There are all kinds of movements to practice hip and stovepipe, and you only need to master these basic movements and keep practicing for a long time, so you can easily harvest beautiful legs and stovepipe.

Each movement is 4-5 groups, each group 12- 15 times, and the rest between groups is 30-60 seconds. It is suggested to add some weight on the premise of ensuring the action standard, and the effect will be better! Come and have a try!

Action one, squat down

Note: the distance between feet is shoulder width, and the soles of feet naturally move forward. Inhale and move your hips back, while kneeling down slowly until your thighs are roughly parallel to the ground. Be careful that your knees do not exceed your toes, and your knees follow your toes. Exhale, hips and legs, get up and restore. Be careful not to bend your knees inward or outward.

Action 2, lunge squat

Note: Stand with your feet back and forth, and the distance is about twice the shoulder width. Toes in front, forefoot on the ground, hind toes on the ground. When inhaling, bend your knees and squat slowly until the front side of your thigh is parallel to the ground. Be careful not to touch the ground on the back knee and don't lean forward too much. The two legs exert force in coordination, with the front leg exerting force about 80% and the rear leg about 20%.

Action three, pull hard

Note: Stand with your feet parallel and shoulder width apart. Hold the dumbbells in both hands and put them on both sides of your thighs. Inhale, move your hips back, bend your knees slightly, slowly lower the dumbbell below your knees along the front side of your thighs, exhale, and get up and restore.

Action four, squat jump

Note: this movement is based on the change of squat, and it is very simple to master the essentials of squat. In addition to hips and legs, there is also the explosive force of calves and the power of arm swing.

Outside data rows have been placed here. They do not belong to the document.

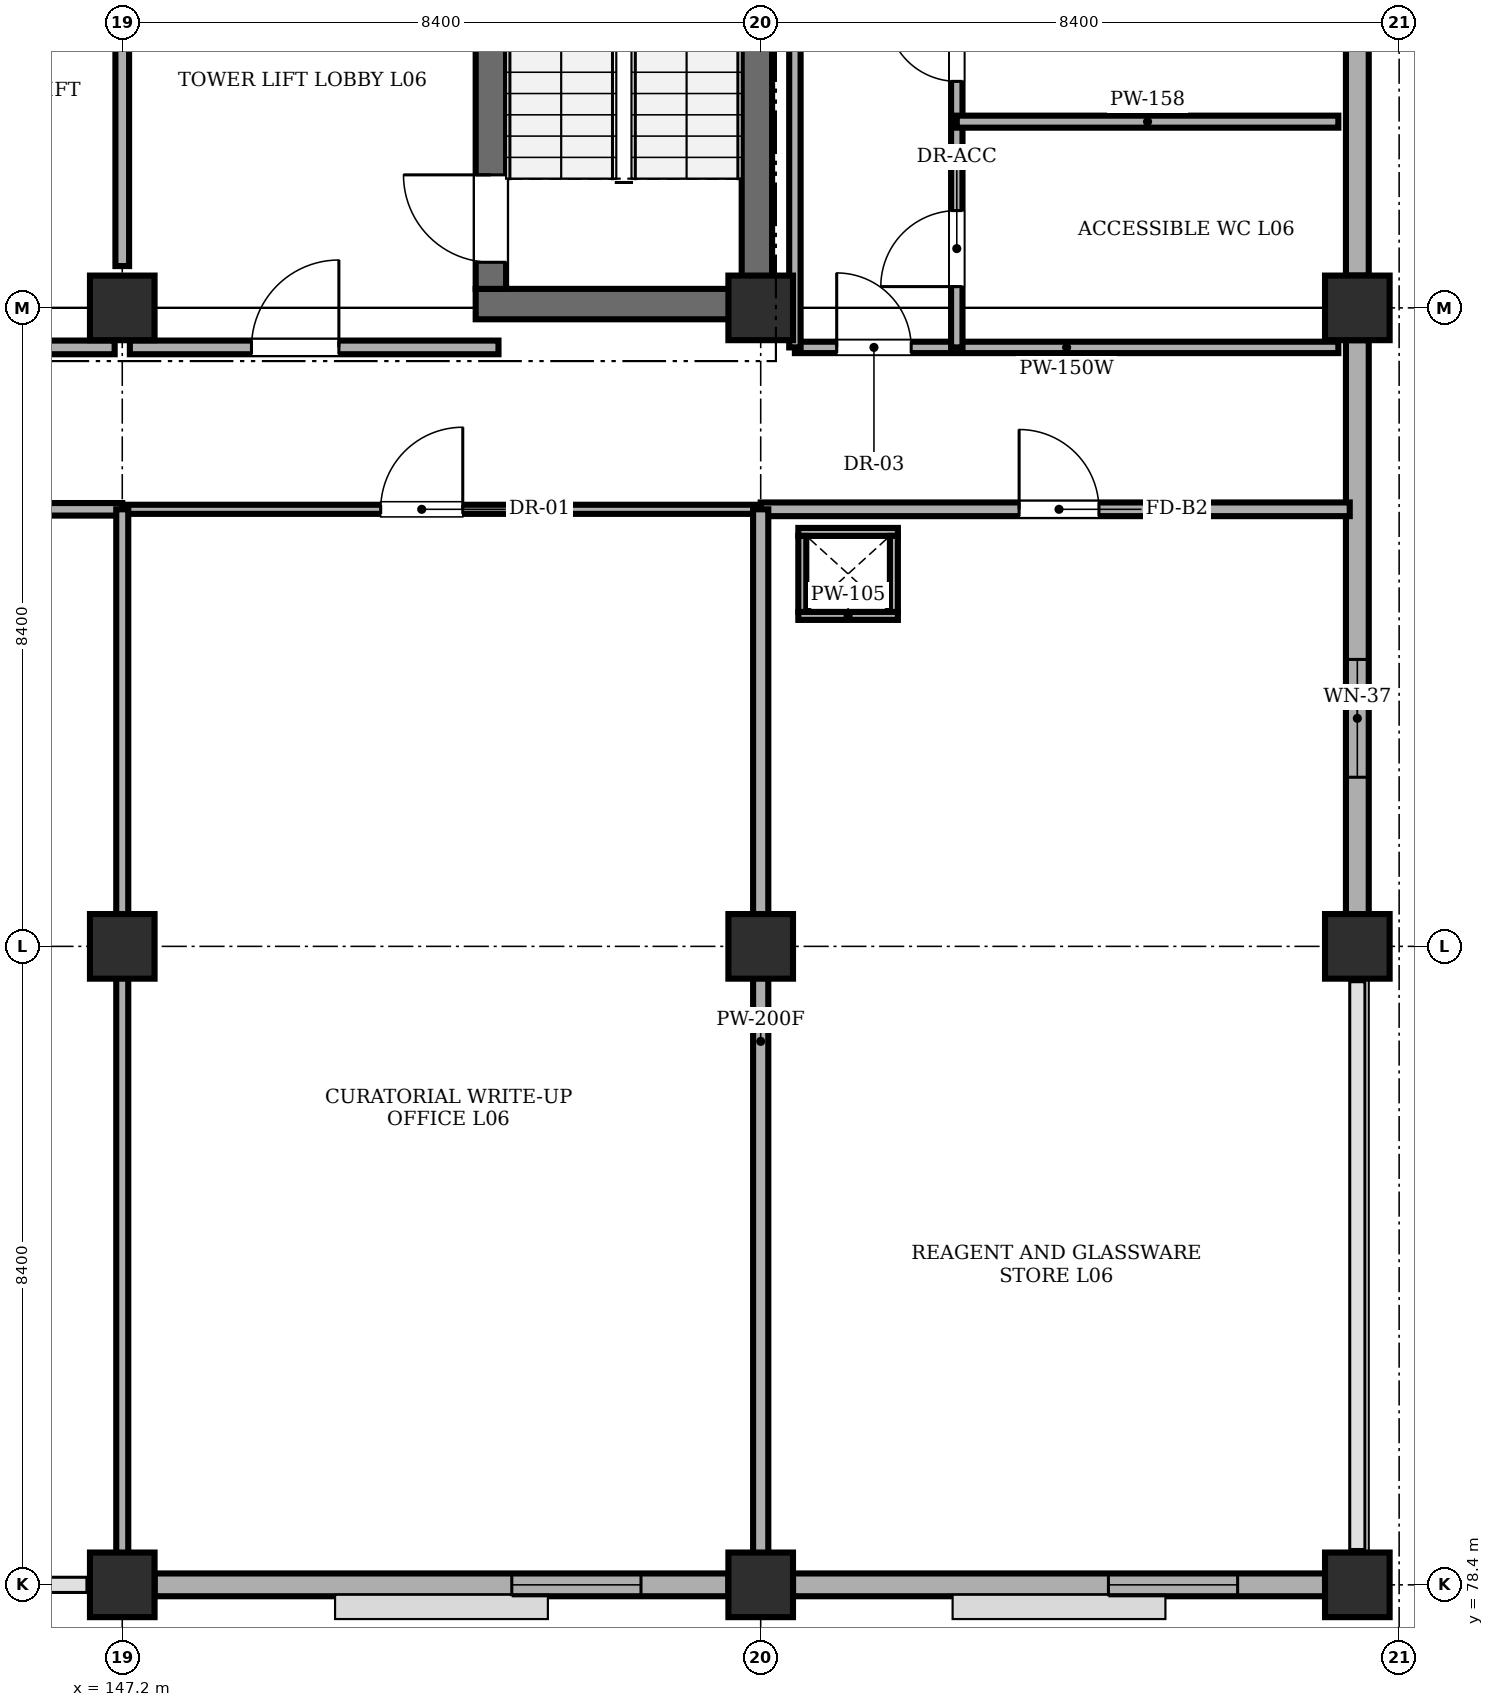
"""IFC4 building model, lengths in metres.
Left out: names, types, materials, properties, quantities, classifications, styles, units other than length and angle.
Written with IfcOpenShell. Run it as: python <this file> out.ifc"""

import sys

from ifc_helpers import new_model, si_unit, direction, frame, frame_2d, origin, origin_2d, place, context, subcontext, project, spatial, rectangle, extrude, element, fill, save


model = new_model("IFC4")
c1 = context("Model", 3, precision=1e-05, world=origin(), true_north=direction((0.0, 1.0)))
c2 = subcontext(c1, "Body", "Model", "MODEL_VIEW")
j1 = project(units=[si_unit("LENGTHUNIT", "METRE"), si_unit("PLANEANGLEUNIT", "RADIAN")], contexts=[c1])
p1 = place(None, origin())
s1 = spatial("IfcSite", under=j1, at=p1, CompositionType="ELEMENT")
p2 = place(p1, origin())
s2 = spatial("IfcBuilding", under=s1, at=p2, CompositionType="ELEMENT")
p3 = place(p2, frame((0.0, 0.0, 23.4)))
s3 = spatial("IfcBuildingStorey", under=s2, at=p3, CompositionType="ELEMENT", Elevation=23.4)
for number, where, z_axis, x_axis in (
    (1, (147.2, 78.4, 0.0), (0.0, 0.0, 1.0), (1.0, 0.0, 0.0)),
    (2, (147.2, 86.8, 0.0), (0.0, 0.0, 1.0), (1.0, 0.0, 0.0)),
    (3, (147.2, 95.2, 0.0), (0.0, 0.0, 1.0), (1.0, 0.0, 0.0)),
    (4, (155.6, 78.4, 0.0), (0.0, 0.0, 1.0), (1.0, 0.0, 0.0)),
    (5, (155.6, 86.8, 0.0), (0.0, 0.0, 1.0), (1.0, 0.0, 0.0)),
    (6, (155.6, 95.2, 0.0), (0.0, 0.0, 1.0), (1.0, 0.0, 0.0)),
    (7, (163.45, 78.4, 0.0), (0.0, 0.0, 1.0), (1.0, 0.0, 0.0)),
    (8, (163.45, 86.8, 0.0), (0.0, 0.0, 1.0), (1.0, 0.0, 0.0)),
    (9, (163.45, 95.2, 0.0), (0.0, 0.0, 1.0), (1.0, 0.0, 0.0)),
):
    element("IfcColumn", number, at=place(p3, frame(where, z_axis=z_axis, x_axis=x_axis)), inside=s3, PredefinedType="COLUMN", context=c2, shape_type="SweptSolid", body=[
        extrude(rectangle(XDim=0.85, YDim=0.85, at=origin_2d()), origin(), (0.0, 0.0, 1.0), 4.0),
    ])
p4 = place(p3, frame((151.85, 95.25, 0.0), z_axis=(0.0, 0.0, 1.0), x_axis=(1.0, 0.0, 0.0)))
e10 = element("IfcWall", 10, at=p4, inside=s3, PredefinedType="SHEAR", context=c2, shape_type="SweptSolid", body=[
    extrude(rectangle(XDim=3.9, YDim=0.4, at=frame_2d((1.95, 0.0))), origin(), (0.0, 0.0, 1.0), 4.0),
])
p5 = place(p3, frame((152.05, 95.45, 0.0), z_axis=(0.0, 0.0, 1.0), x_axis=(0.0, 1.0, 0.0)))
e11 = element("IfcWall", 11, at=p5, inside=s3, PredefinedType="SHEAR", context=c2, shape_type="SweptSolid", body=[
    extrude(rectangle(XDim=7.9, YDim=0.4, at=frame_2d((3.95, 0.0))), origin(), (0.0, 0.0, 1.0), 4.0),
])
p6 = place(p5, frame((0.35, 0.0, 0.0)))
e12 = element("IfcOpeningElement", 12, at=p6, cuts=e11, PredefinedType="OPENING", context=c2, shape_type="SweptSolid", body=[
    extrude(rectangle(XDim=1.15, YDim=2.15, at=frame_2d((0.575, 1.075))), frame((0.0, 0.21, 0.0), z_axis=(0.0, -1.0, 0.0), x_axis=(1.0, 0.0, 0.0)), (0.0, 0.0, 1.0), 0.42),
])
p7 = place(p3, frame((155.55, 95.45, 0.0), z_axis=(0.0, 0.0, 1.0), x_axis=(0.0, 1.0, 0.0)))
e13 = element("IfcWall", 13, at=p7, inside=s3, PredefinedType="SHEAR", context=c2, shape_type="SweptSolid", body=[
    extrude(rectangle(XDim=7.9, YDim=0.4, at=frame_2d((3.95, 0.0))), origin(), (0.0, 0.0, 1.0), 4.0),
])
p8 = place(p3, frame((155.175, 78.4, 0.0), z_axis=(0.0, 0.0, 1.0), x_axis=(-1.0, 0.0, 0.0)))
e14 = element("IfcWall", 14, at=p8, inside=s3, PredefinedType="STANDARD", context=c2, shape_type="SweptSolid", body=[
    extrude(rectangle(XDim=7.55, YDim=0.3, at=frame_2d((3.775, 0.0))), origin(), (0.0, 0.0, 1.0), 3.3),
])
p9 = place(p8, frame((1.15, 0.0, 0.95)))
e15 = element("IfcOpeningElement", 15, at=p9, cuts=e14, PredefinedType="OPENING", context=c2, shape_type="SweptSolid", body=[
    extrude(rectangle(XDim=1.7, YDim=2.05, at=frame_2d((0.85, 1.025))), frame((0.0, 0.16, 0.0), z_axis=(0.0, -1.0, 0.0), x_axis=(1.0, 0.0, 0.0)), (0.0, 0.0, 1.0), 0.32),
])
p10 = place(p3, frame((163.025, 78.4, 0.0), z_axis=(0.0, 0.0, 1.0), x_axis=(-1.0, 0.0, 0.0)))
e16 = element("IfcWall", 16, at=p10, inside=s3, PredefinedType="STANDARD", context=c2, shape_type="SweptSolid", body=[
    extrude(rectangle(XDim=7.0, YDim=0.3, at=frame_2d((3.5, 0.0))), origin(), (0.0, 0.0, 1.0), 3.3),
])
p11 = place(p10, frame((1.15, 0.0, 0.95)))
e17 = element("IfcOpeningElement", 17, at=p11, cuts=e16, PredefinedType="OPENING", context=c2, shape_type="SweptSolid", body=[
    extrude(rectangle(XDim=1.7, YDim=2.05, at=frame_2d((0.85, 1.025))), frame((0.0, 0.16, 0.0), z_axis=(0.0, -1.0, 0.0), x_axis=(1.0, 0.0, 0.0)), (0.0, 0.0, 1.0), 0.32),
])
p12 = place(p3, frame((163.45, 94.775, 0.0), z_axis=(0.0, 0.0, 1.0), x_axis=(0.0, -1.0, 0.0)))
e18 = element("IfcWall", 18, at=p12, inside=s3, PredefinedType="STANDARD", context=c2, shape_type="SweptSolid", body=[
    extrude(rectangle(XDim=7.55, YDim=0.3, at=frame_2d((3.775, 0.0))), origin(), (0.0, 0.0, 1.0), 3.3),
])
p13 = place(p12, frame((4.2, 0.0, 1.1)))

Action 5: Lie on your side and lift your legs.

Precautions: Lie on your side on the mat, with your thighs straight and your calves bent. Viewed from the side, the whole body should be on a plane. When exhaling, lift it on the thigh, lift it to the maximum, and inhale slowly. Pay attention to the whole process and keep your body stable.

Action 6. Kick the back of the leg

Precautions: Support on the ground as shown in the figure, and pay attention to that the palm of your hand is directly below your shoulder and your toes are pointing to the ground. Keep breathing evenly, keep your knees close to your elbows, then straighten out and kick.

Action 7: Alternate lunges and squats

Note: this action is a deformation of unilateral lunge squat, and the main points are the same as lunge squat. The advantage of this action is that exchanging squats is beneficial to relieve the tension of one hip and leg. At the same time, it can fully stimulate the buttocks and legs in a limited time.

This is the basic action to exercise hips and legs. If you want to lift your hips and stovepipe, it is enough to master these movements! It is recommended to practice 2-3 times a week. After mastering the essentials of action, you should apply weight slowly to achieve better results.